札束を手に入れてすぐに、レヴィアの手を引っ張り、大急ぎで外に出た。
「ふぅ」
ようやく新鮮な空気が吸えてよかった。
きつい香水なんてのは、室内ではテロみたいなもんだろう。みんな眉間にしわを寄せてたぞ。
「ラックさん、死ぬかと思いました。私って、ちょっとヒトより嗅覚が強いので……」
「ああ、毒攻撃に打って出るとは、キャリーサもやるようになった」
「でも、これで一安心ですね」
「ああ、カナノ地区を越えればネオジュークはすぐそこだ」
「ええ、無理せず行きましょう」
と、安心して次への道を歩き出そうとしたのだが、そう簡単には進ませてくれないのが、このマリーノーツという異世界である。
「号外~! 号外~!」
赤みがかった甲冑を装着した屈強な男たちが紙の束を手に接近してきたがっちゃがっちゃと音を立てながら接近してきて、俺に新聞を渡した。
「号外~! 号外~!」
渡すなり別の通行人のところに走っていき、
「ご協力お願いしま~す! 凶悪犯罪者の捜査にご協力お願いしま~す!」
レヴィアが紙面を覗き込んできて、二人で新聞を見つめる。そこには、ぐちゃぐちゃと細かい読みにくい文字と、巨大な似顔絵が描かれていた。
なんだこの不細工な顔は。
一体、誰の似顔絵なんだろうな。
俺の思考に答えるように、甲冑がいう。
「凶悪犯罪者オリハラクオンの似顔絵でーす! どんな些細な情報でも構いません。ご協力おねがいしま~す!」
なんと、俺の似顔絵だという。
「どうしました、ラックさん」
「いや、この似顔絵なんだがな……」
「もしかして、これラックさんを描いたつもりなんですか?」
「ああ、そうらしい」
だけど、俺は絶対にこんな顔をしていない。こんなけったいな似顔絵を描いたのは、一体誰だ。
というわけで、俺をこんな風にクソみたいな顔に書いた犯人をさぐるべく、紙面を凝視してみると、似顔絵の隅っこに注意書きがされているのを発見した。こういう短い簡単な文ならかろうじて読める。
その文字を読み上げてみる。
「描画者、ハニノカオ・シラベール。捜査スキル、精神聞込読取術を使用」
マインドモンタージュってどこかで聞いたことあるね。
あれはたしか、ついこの間、ハイエンジ地区の終盤での絵描きイベント、俺がかつて好きだった人の絵を描いてくれた時に使われたスキルだ。
いやしかし、それにしてはあまりに精度が低すぎる。俺は彼女が描いてくれた感情のない絵は好きではなかったけれど、マインドモンタージュとやらで描き出された女性の顔は、その人にそっくりだった。

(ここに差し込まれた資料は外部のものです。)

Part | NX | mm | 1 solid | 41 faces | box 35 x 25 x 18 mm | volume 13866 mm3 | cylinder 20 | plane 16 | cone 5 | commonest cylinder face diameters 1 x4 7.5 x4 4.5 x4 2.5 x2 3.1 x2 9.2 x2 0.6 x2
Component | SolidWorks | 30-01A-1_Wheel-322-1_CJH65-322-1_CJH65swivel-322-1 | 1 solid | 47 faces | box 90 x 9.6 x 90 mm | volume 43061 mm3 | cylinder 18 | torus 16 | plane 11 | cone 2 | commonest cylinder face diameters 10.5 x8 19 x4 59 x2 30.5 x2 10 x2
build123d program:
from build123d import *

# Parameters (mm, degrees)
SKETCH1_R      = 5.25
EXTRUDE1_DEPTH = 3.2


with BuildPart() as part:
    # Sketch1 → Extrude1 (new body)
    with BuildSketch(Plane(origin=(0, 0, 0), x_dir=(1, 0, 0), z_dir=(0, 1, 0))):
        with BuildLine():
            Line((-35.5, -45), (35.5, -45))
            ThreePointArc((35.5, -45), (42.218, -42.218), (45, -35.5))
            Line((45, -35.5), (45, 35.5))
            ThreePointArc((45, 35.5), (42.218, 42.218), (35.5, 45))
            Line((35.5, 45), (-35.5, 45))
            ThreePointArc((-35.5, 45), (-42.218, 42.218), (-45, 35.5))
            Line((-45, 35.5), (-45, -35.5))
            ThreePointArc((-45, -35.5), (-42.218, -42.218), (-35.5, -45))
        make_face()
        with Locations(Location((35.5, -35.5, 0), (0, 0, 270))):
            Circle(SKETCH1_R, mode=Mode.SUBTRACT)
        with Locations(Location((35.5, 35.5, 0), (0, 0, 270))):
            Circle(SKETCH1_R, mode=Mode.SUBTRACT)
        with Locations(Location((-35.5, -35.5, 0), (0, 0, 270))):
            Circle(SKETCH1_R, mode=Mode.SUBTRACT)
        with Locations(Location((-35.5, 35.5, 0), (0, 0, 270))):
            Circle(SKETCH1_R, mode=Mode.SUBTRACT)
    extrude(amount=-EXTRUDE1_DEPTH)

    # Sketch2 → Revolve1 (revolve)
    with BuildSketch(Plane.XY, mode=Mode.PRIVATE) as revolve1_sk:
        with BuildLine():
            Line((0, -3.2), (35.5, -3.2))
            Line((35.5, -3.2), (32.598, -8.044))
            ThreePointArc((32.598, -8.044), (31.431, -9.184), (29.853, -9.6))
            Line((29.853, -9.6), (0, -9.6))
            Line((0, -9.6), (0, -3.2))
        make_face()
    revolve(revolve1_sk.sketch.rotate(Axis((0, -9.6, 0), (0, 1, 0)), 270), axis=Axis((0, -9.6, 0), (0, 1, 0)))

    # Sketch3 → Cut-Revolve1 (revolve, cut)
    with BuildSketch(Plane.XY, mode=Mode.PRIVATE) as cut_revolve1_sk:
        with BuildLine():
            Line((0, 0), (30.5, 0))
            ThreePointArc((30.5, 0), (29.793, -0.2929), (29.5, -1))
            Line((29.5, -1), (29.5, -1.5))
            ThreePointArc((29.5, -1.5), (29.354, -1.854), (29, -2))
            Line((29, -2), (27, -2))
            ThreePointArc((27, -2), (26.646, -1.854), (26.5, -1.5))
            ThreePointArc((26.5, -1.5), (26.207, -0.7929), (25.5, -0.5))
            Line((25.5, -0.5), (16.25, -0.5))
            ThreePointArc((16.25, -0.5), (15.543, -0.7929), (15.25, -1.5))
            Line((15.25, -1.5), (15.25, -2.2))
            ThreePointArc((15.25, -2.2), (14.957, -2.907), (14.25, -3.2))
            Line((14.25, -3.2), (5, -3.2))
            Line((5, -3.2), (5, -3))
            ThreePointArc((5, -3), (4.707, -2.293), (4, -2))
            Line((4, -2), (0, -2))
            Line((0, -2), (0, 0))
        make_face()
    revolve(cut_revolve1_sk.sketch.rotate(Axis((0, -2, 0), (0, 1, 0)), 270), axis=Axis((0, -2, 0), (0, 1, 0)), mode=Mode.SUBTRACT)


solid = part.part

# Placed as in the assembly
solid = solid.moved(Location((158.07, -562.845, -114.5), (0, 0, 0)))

それが、このオリハラクオンの似顔絵ときたらどうだ。崩れかけのジャガイモを描いたみたいで、いかにも凶悪そうではあるけれど、正直言ってあまりにもヘタクソすぎるだろう。
俺はもう少しだけイケメンである。
どうやら、そう思ったのはレヴィアも一緒だったようで、紙面と俺の横顔とを交互に見つめながら、
「全く似てないですね。実物のほうが優しそうです」
「だろう? 似てないよな。オリハラクオンはここまでヒドイ顔をしてない」
「ええ、もっとフツーな感じです」
「レヴィア、そこは、もっとカッコイイとか言ってくれると嬉しいんだけどな」
「無理です、私は嘘はつきませんので」
まったく、嘘つく人ほど、「嘘つかない」って言うよななぁどと俺は呆れかけたのだが、その時だった。いつの間にか、やかましかった甲冑の音がすべて消えていて、甲冑の奥の視線が、俺たち二人に集中していることに気付いたのは。